I live in alabama. I remember seeing this guy in a local publication called 'Mugshots' which I'm sure you can imagine what it contains. We all got a good laugh out of it. If you think about it though, if you're going to fake your death do you really want to go some where inhabited by people with an average IQ over 90? Certainly not, you want to be around people who don't have anything better to do than look at pictures of their friends after an arrest and cook meth. In all fairness though, Florida is a lot worse than Alabama. They may have Miami, Jacksonville and Orlando but they aren't even smart enough to navigate it. There is a reason there is a 'Florida' tag on Fark.
Create your Citizen and you will have the opportunity to develop your military, economy or political career. http://www.erepublik.com/en/referrer/Sirbeg
How could Bennie Wint have been that stupid?
My friends recommended me a very interesting place __AgelessFriends.com__ It's a nice and free place for Younger Women and Older Men, or Older Women and Younger Men, to interact with each other. Age gap is not a problem there. You may wanna check it out and tell your friends.
My friends recommended me a very interesting place __AgelessFriends.com__ It's a nice and free place for Younger Women and Older Men, or Older Women and Younger Men, to interact with each other. Age gap is not a problem there. You may wanna check it out and tell your friends.
My friends recommended me a very interesting place __AgelessFriends.com__ It's a nice and free place for Younger Women and Older Men, or Older Women and Younger Men, to interact with each other. Age gap is not a problem there. You may wanna check it out and tell your friends.
Seriously Socran? You're going to nit-pick about grammar on Cracked?
You forgot Elvis. Sorry if I'm not the first to point that out.

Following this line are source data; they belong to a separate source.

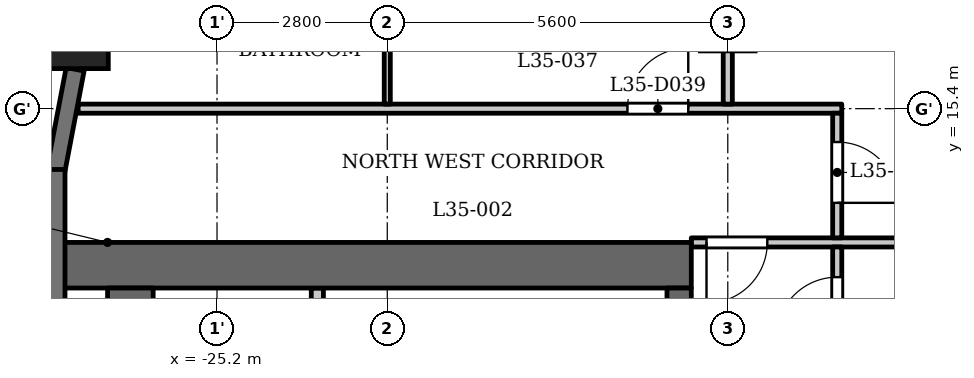
"""IFC4 building model, lengths in metres.
Left out: names, types, materials, properties, quantities, classifications, styles, units other than length and angle.
Written with IfcOpenShell. Run it as: python <this file> out.ifc"""

import sys

from ifc_helpers import new_model, si_unit, direction, frame, frame_2d, origin, origin_2d, place, context, subcontext, project, spatial, rectangle, extrude, element, fill, save


model = new_model("IFC4")
c1 = context("Model", 3, precision=1e-05, world=origin(), true_north=direction((0.0, 1.0)))
c2 = subcontext(c1, "Body", "Model", "MODEL_VIEW")
j1 = project(units=[si_unit("LENGTHUNIT", "METRE"), si_unit("PLANEANGLEUNIT", "RADIAN")], contexts=[c1])
p1 = place(None, origin())
s1 = spatial("IfcSite", under=j1, at=p1, CompositionType="ELEMENT")
p2 = place(p1, origin())
s2 = spatial("IfcBuilding", under=s1, at=p2, CompositionType="ELEMENT")
p3 = place(p2, frame((0.0, 0.0, 139.6)))
s3 = spatial("IfcBuildingStorey", under=s2, at=p3, CompositionType="ELEMENT", Elevation=139.6)
p4 = place(p3, frame((-27.538, 16.609, 0.0), z_axis=(0.0, 0.0, 1.0), x_axis=(1.0, 0.0, 0.0)))
e1 = element("IfcColumn", 1, at=p4, inside=s3, PredefinedType="COLUMN", context=c2, shape_type="SweptSolid", body=[
    extrude(rectangle(XDim=1.1, YDim=1.1, at=origin_2d()), origin(), (0.0, 0.0, 1.0), 3.5),
])
p5 = place(p3, frame((-27.533, 16.048, 0.0), z_axis=(0.0, 0.0, 1.0), x_axis=(-0.187302784601, -0.982302227871, 0.0)))
e2 = element("IfcWall", 2, at=p5, inside=s3, PredefinedType="SOLIDWALL", context=c2, shape_type="SweptSolid", body=[
    extrude(rectangle(XDim=1.706, YDim=0.3, at=frame_2d((0.853, 0.0))), origin(), (0.0, 0.0, 1.0), 2.45),
])
p6 = place(p3, frame((-27.85, 14.4, 0.0), z_axis=(0.0, 0.0, 1.0), x_axis=(0.0, -1.0, 0.0)))
e3 = element("IfcWall", 3, at=p6, inside=s3, PredefinedType="SOLIDWALL", context=c2, shape_type="SweptSolid", body=[
    extrude(rectangle(XDim=2.65, YDim=0.3, at=frame_2d((1.325, 0.0))), origin(), (0.0, 0.0, 1.0), 2.45),
])
p7 = place(p3, frame((-17.4, 12.825, 0.0), z_axis=(0.0, 0.0, 1.0), x_axis=(-1.0, 0.0, 0.0)))
e4 = element("IfcWall", 4, at=p7, inside=s3, PredefinedType="SHEAR", context=c2, shape_type="SweptSolid", body=[
    extrude(rectangle(XDim=10.4, YDim=0.75, at=frame_2d((5.2, 0.0))), origin(), (0.0, 0.0, 1.0), 3.2),
])
p8 = place(p3, frame((-17.6, -12.45, 0.0), z_axis=(0.0, 0.0, 1.0), x_axis=(0.0, 1.0, 0.0)))
e5 = element("IfcWall", 5, at=p8, inside=s3, PredefinedType="SHEAR", context=c2, shape_type="SweptSolid", body=[
    extrude(rectangle(XDim=24.9, YDim=0.4, at=frame_2d((12.45, 0.0))), origin(), (0.0, 0.0, 1.0), 3.2),
])
p9 = place(p8, frame((8.65, 0.0, 0.0)))
e6 = element("IfcOpeningElement", 6, at=p9, cuts=e5, PredefinedType="OPENING", context=c2, shape_type="SweptSolid", body=[
    extrude(rectangle(XDim=0.9, YDim=2.1, at=frame_2d((0.45, 1.05))), frame((0.0, 0.21, 0.0), z_axis=(0.0, -1.0, 0.0), x_axis=(1.0, 0.0, 0.0)), (0.0, 0.0, 1.0), 0.42),
])
p10 = place(p8, frame((15.6, 0.0, 0.0)))
e7 = element("IfcOpeningElement", 7, at=p10, cuts=e5, PredefinedType="OPENING", context=c2, shape_type="SweptSolid", body=[
    extrude(rectangle(XDim=1.1, YDim=2.1, at=frame_2d((0.55, 1.05))), frame((0.0, 0.21, 0.0), z_axis=(0.0, -1.0, 0.0), x_axis=(1.0, 0.0, 0.0)), (0.0, 0.0, 1.0), 0.42),
])
p11 = place(p8, frame((18.0, 0.0, 0.0)))
e8 = element("IfcOpeningElement", 8, at=p11, cuts=e5, PredefinedType="OPENING", context=c2, shape_type="SweptSolid", body=[
    extrude(rectangle(XDim=1.1, YDim=2.1, at=frame_2d((0.55, 1.05))), frame((0.0, 0.21, 0.0), z_axis=(0.0, -1.0, 0.0), x_axis=(1.0, 0.0, 0.0)), (0.0, 0.0, 1.0), 0.42),
])
p12 = place(p8, frame((23.025, 0.0, 0.0)))
e9 = element("IfcOpeningElement", 9, at=p12, cuts=e5, PredefinedType="OPENING", context=c2, shape_type="SweptSolid", body=[
    extrude(rectangle(XDim=1.1, YDim=2.1, at=frame_2d((0.55, 1.05))), frame((0.0, 0.21, 0.0), z_axis=(0.0, -1.0, 0.0), x_axis=(1.0, 0.0, 0.0)), (0.0, 0.0, 1.0), 0.42),
])
p13 = place(p8, frame((0.775, 0.0, 0.0)))
e10 = element("IfcOpeningElement", 10, at=p13, cuts=e5, PredefinedType="OPENING", context=c2, shape_type="SweptSolid", body=[
    extrude(rectangle(XDim=1.1, YDim=2.1, at=frame_2d((0.55, 1.05))), frame((0.0, 0.21, 0.0), z_axis=(0.0, -1.0, 0.0), x_axis=(1.0, 0.0, 0.0)), (0.0, 0.0, 1.0), 0.42),
])
p14 = place(p8, frame((12.925, 0.0, 0.0)))
e11 = element("IfcOpeningElement", 11, at=p14, cuts=e5, PredefinedType="OPENING", context=c2, shape_type="SweptSolid", body=[
    extrude(rectangle(XDim=1.8, YDim=2.1, at=frame_2d((0.9, 1.05))), frame((0.0, 0.21, 0.0), z_axis=(0.0, -1.0, 0.0), x_axis=(1.0, 0.0, 0.0)), (0.0, 0.0, 1.0), 0.42),
])
p15 = place(p3, frame((-26.625, -12.45, 0.0), z_axis=(0.0, 0.0, 1.0), x_axis=(0.0, 1.0, 0.0)))
e12 = element("IfcWall", 12, at=p15, inside=s3, PredefinedType="SHEAR", context=c2, shape_type="SweptSolid", body=[
    extrude(rectangle(XDim=24.9, YDim=0.75, at=frame_2d((12.45, 0.0))), origin(), (0.0, 0.0, 1.0), 3.2),
])
p16 = place(p3, frame((-23.55, 9.8, 0.0), z_axis=(0.0, 0.0, 1.0), x_axis=(0.0, 1.0, 0.0)))
e13 = element("IfcWall", 13, at=p16, inside=s3, PredefinedType="PARTITIONING", context=c2, shape_type="SweptSolid", body=[
    extrude(rectangle(XDim=2.65, YDim=0.2, at=frame_2d((1.325, 0.0))), origin(), (0.0, 0.0, 1.0), 3.2),
])
p17 = place(p16, frame((0.875, 0.0, 0.0)))
e14 = element("IfcOpeningElement", 14, at=p17, cuts=e13, PredefinedType="OPENING", context=c2, shape_type="SweptSolid", body=[
    extrude(rectangle(XDim=0.9, YDim=2.1, at=frame_2d((0.45, 1.05))), frame((0.0, 0.11, 0.0), z_axis=(0.0, -1.0, 0.0), x_axis=(1.0, 0.0, 0.0)), (0.0, 0.0, 1.0), 0.22),
])
p18 = place(p3, frame((-17.4, 13.2, 0.0), z_axis=(0.0, 0.0, 1.0), x_axis=(1.0, 0.0, 0.0)))
e15 = element("IfcWall", 15, at=p18, inside=s3, PredefinedType="PARTITIONING", context=c2, shape_type="SweptSolid", body=[
    extrude(rectangle(XDim=34.8, YDim=0.15, at=frame_2d((17.4, 0.0))), origin(), (0.0, 0.0, 1.0), 3.2),
])
p19 = place(p18, frame((0.25, 0.0, 0.0)))
e16 = element("IfcOpeningElement", 16, at=p19, cuts=e15, PredefinedType="OPENING", context=c2, shape_type="SweptSolid", body=[
    extrude(rectangle(XDim=1.0, YDim=2.1, at=frame_2d((0.5, 1.05))), frame((0.0, 0.085, 0.0), z_axis=(0.0, -1.0, 0.0), x_axis=(1.0, 0.0, 0.0)), (0.0, 0.0, 1.0), 0.17),
])
p20 = place(p18, frame((33.65, 0.0, 0.0)))
e17 = element("IfcOpeningElement", 17, at=p20, cuts=e15, PredefinedType="OPENING", context=c2, shape_type="SweptSolid", body=[
    extrude(rectangle(XDim=1.0, YDim=2.1, at=frame_2d((0.5, 1.05))), frame((0.0, 0.085, 0.0), z_axis=(0.0, -1.0, 0.0), x_axis=(1.0, 0.0, 0.0)), (0.0, 0.0, 1.0), 0.17),
])
p21 = place(p18, frame((15.75, 0.0, 0.0)))
e18 = element("IfcOpeningElement", 18, at=p21, cuts=e15, PredefinedType="OPENING", context=c2, shape_type="SweptSolid", body=[
    extrude(rectangle(XDim=1.0, YDim=2.1, at=frame_2d((0.5, 1.05))), frame((0.0, 0.085, 0.0), z_axis=(0.0, -1.0, 0.0), x_axis=(1.0, 0.0, 0.0)), (0.0, 0.0, 1.0), 0.17),
])
p22 = place(p18, frame((19.35, 0.0, 0.0)))
e19 = element("IfcOpeningElement", 19, at=p22, cuts=e15, PredefinedType="OPENING", context=c2, shape_type="SweptSolid", body=[
    extrude(rectangle(XDim=1.0, YDim=2.1, at=frame_2d((0.5, 1.05))), frame((0.0, 0.085, 0.0), z_axis=(0.0, -1.0, 0.0), x_axis=(1.0, 0.0, 0.0)), (0.0, 0.0, 1.0), 0.17),
])
p23 = place(p18, frame((26.95, 0.0, 0.0)))
e20 = element("IfcOpeningElement", 20, at=p23, cuts=e15, PredefinedType="OPENING", context=c2, shape_type="SweptSolid", body=[
    extrude(rectangle(XDim=1.0, YDim=2.1, at=frame_2d((0.5, 1.05))), frame((0.0, 0.085, 0.0), z_axis=(0.0, -1.0, 0.0), x_axis=(1.0, 0.0, 0.0)), (0.0, 0.0, 1.0), 0.17),
])
p24 = place(p18, frame((29.75, 0.0, 0.0)))
e21 = element("IfcOpeningElement", 21, at=p24, cuts=e15, PredefinedType="OPENING", context=c2, shape_type="SweptSolid", body=[
    extrude(rectangle(XDim=1.0, YDim=2.1, at=frame_2d((0.5, 1.05))), frame((0.0, 0.085, 0.0), z_axis=(0.0, -1.0, 0.0), x_axis=(1.0, 0.0, 0.0)), (0.0, 0.0, 1.0), 0.17),
])
p25 = place(p3, frame((-27.484, 15.4, 0.0), z_axis=(0.0, 0.0, 1.0), x_axis=(1.0, 0.0, 0.0)))
e22 = element("IfcWall", 22, at=p25, inside=s3, PredefinedType="PARTITIONING", context=c2, shape_type="SweptSolid", body=[
    extrude(rectangle(XDim=12.559, YDim=0.15, at=frame_2d((6.279, 0.0))), origin(), (0.0, 0.0, 1.0), 3.2),
])
p26 = place(p25, frame((9.034, 0.0, 0.0)))
e23 = element("IfcOpeningElement", 23, at=p26, cuts=e22, PredefinedType="OPENING", context=c2, shape_type="SweptSolid", body=[
    extrude(rectangle(XDim=1.0, YDim=2.1, at=frame_2d((0.5, 1.05))), frame((0.0, 0.085, 0.0), z_axis=(0.0, -1.0, 0.0), x_axis=(1.0, 0.0, 0.0)), (0.0, 0.0, 1.0), 0.17),
])
p27 = place(p3, frame((-22.4, 15.475, 0.0), z_axis=(0.0, 0.0, 1.0), x_axis=(0.0, 1.0, 0.0)))
e24 = element("IfcWall", 24, at=p27, inside=s3, PredefinedType="PARTITIONING", context=c2, shape_type="SweptSolid", body=[
    extrude(rectangle(XDim=2.575, YDim=0.1, at=frame_2d((1.288, 0.0))), origin(), (0.0, 0.0, 1.0), 3.2),
])
p28 = place(p3, frame((-16.8, 15.475, 0.0), z_axis=(0.0, 0.0, 1.0), x_axis=(0.0, 1.0, 0.0)))
e25 = element("IfcWall", 25, at=p28, inside=s3, PredefinedType="PARTITIONING", context=c2, shape_type="SweptSolid", body=[
    extrude(rectangle(XDim=7.455, YDim=0.15, at=frame_2d((3.728, 0.0))), origin(), (0.0, 0.0, 1.0), 3.2),
])
p29 = place(p3, frame((-15.0, 6.769, 0.0), z_axis=(0.0, 0.0, 1.0), x_axis=(0.0, 1.0, 0.0)))
e26 = element("IfcWall", 26, at=p29, inside=s3, PredefinedType="PARTITIONING", context=c2, shape_type="SweptSolid", body=[
    extrude(rectangle(XDim=6.356, YDim=0.15, at=frame_2d((3.178, 0.0))), origin(), (0.0, 0.0, 1.0), 3.2),
])
p30 = place(p29, frame((4.86, 0.0, 0.0)))
e27 = element("IfcOpeningElement", 27, at=p30, cuts=e26, PredefinedType="OPENING", context=c2, shape_type="SweptSolid", body=[
    extrude(rectangle(XDim=1.0, YDim=2.1, at=frame_2d((0.5, 1.05))), frame((0.0, 0.085, 0.0), z_axis=(0.0, -1.0, 0.0), x_axis=(1.0, 0.0, 0.0)), (0.0, 0.0, 1.0), 0.17),
])
p31 = place(p3, frame((-15.0, 13.275, 0.0), z_axis=(0.0, 0.0, 1.0), x_axis=(0.0, 1.0, 0.0)))
e28 = element("IfcWall", 28, at=p31, inside=s3, PredefinedType="PARTITIONING", context=c2, shape_type="SweptSolid", body=[
    extrude(rectangle(XDim=2.05, YDim=0.15, at=frame_2d((1.025, 0.0))), origin(), (0.0, 0.0, 1.0), 3.2),
])
p32 = place(p31, frame((0.576, 0.0, 0.0)))
e29 = element("IfcOpeningElement", 29, at=p32, cuts=e28, PredefinedType="OPENING", context=c2, shape_type="SweptSolid", body=[
    extrude(rectangle(XDim=1.0, YDim=2.1, at=frame_2d((0.5, 1.05))), frame((0.0, 0.085, 0.0), z_axis=(0.0, -1.0, 0.0), x_axis=(1.0, 0.0, 0.0)), (0.0, 0.0, 1.0), 0.17),
])
p33 = place(p30, origin())
e30 = element("IfcDoor", 30, at=p33, inside=s3, OperationType="SINGLE_SWING_RIGHT", PredefinedType="DOOR", context=c2, shape_type="SweptSolid", body=[
    extrude(rectangle(XDim=1.0, YDim=2.1, at=frame_2d((0.5, 1.05))), frame((0.0, 0.025, 0.0), z_axis=(0.0, -1.0, 0.0), x_axis=(1.0, 0.0, 0.0)), (0.0, 0.0, 1.0), 0.05),
])
fill(e27, e30)
p34 = place(p19, origin())
e31 = element("IfcDoor", 31, at=p34, inside=s3, OperationType="SINGLE_SWING_LEFT", PredefinedType="DOOR", context=c2, shape_type="SweptSolid", body=[
    extrude(rectangle(XDim=1.0, YDim=2.1, at=frame_2d((0.5, 1.05))), frame((0.0, 0.025, 0.0), z_axis=(0.0, -1.0, 0.0), x_axis=(1.0, 0.0, 0.0)), (0.0, 0.0, 1.0), 0.05),
])
fill(e16, e31)
p35 = place(p32, origin())
e32 = element("IfcDoor", 32, at=p35, inside=s3, OperationType="SINGLE_SWING_LEFT", PredefinedType="DOOR", context=c2, shape_type="SweptSolid", body=[
    extrude(rectangle(XDim=1.0, YDim=2.1, at=frame_2d((0.5, 1.05))), frame((0.0, 0.025, 0.0), z_axis=(0.0, -1.0, 0.0), x_axis=(1.0, 0.0, 0.0)), (0.0, 0.0, 1.0), 0.05),
])
fill(e29, e32)
p36 = place(p26, origin())
e33 = element("IfcDoor", 33, at=p36, inside=s3, OperationType="SINGLE_SWING_LEFT", PredefinedType="DOOR", context=c2, shape_type="SweptSolid", body=[
    extrude(rectangle(XDim=1.0, YDim=2.1, at=frame_2d((0.5, 1.05))), frame((0.0, 0.025, 0.0), z_axis=(0.0, -1.0, 0.0), x_axis=(1.0, 0.0, 0.0)), (0.0, 0.0, 1.0), 0.05),
])
fill(e23, e33)
save(model, sys.argv[1])

What happened in that last paragraph there? You go from a funny, moderately wit-laden article that easily meets Cracked's standard of quality, into a stumbling mess of repeating the same joke 2.5 times, a quasi-run-on sentence, very awkward grammar issues ("I mean, seriously" should never be used when you're referring to yourself as "we"), the phrase "ridiculously out of whack", and an incredibly poorly-delivered "Location X is Hell" joke. I'm not trying to bash you or anything, I'm honestly curious about how an entire article's worth of flubs can all congregate in a single paragraph like that. Did that "dumbass" picture have something to do with it?
"abominable jesus", that's great work, whoever came up w/ that term deserves a medal
Wait, the Frasier dog died?! ...*sniff*
This is wrong, Jesus Christ should be at #1...
That brain hemorrhages Facebook group is real but we need more members http://www.facebook.com/group.php?gid=170960329478&ref=search&sid=764313694.731755016..1&v=wall
which are the nation's leading source of retarded rumors. f**k you, at least this one is plausible, whereas bigfoot is f**king retarded
WEAK...but not quite as weak as my one man fanbase lol...he should be around shortly to prove how important I am to his very existence
I must to go store for butter and cheese.
Alan Abel is awesome, and hells annoying at the same time. twinkle twinkle.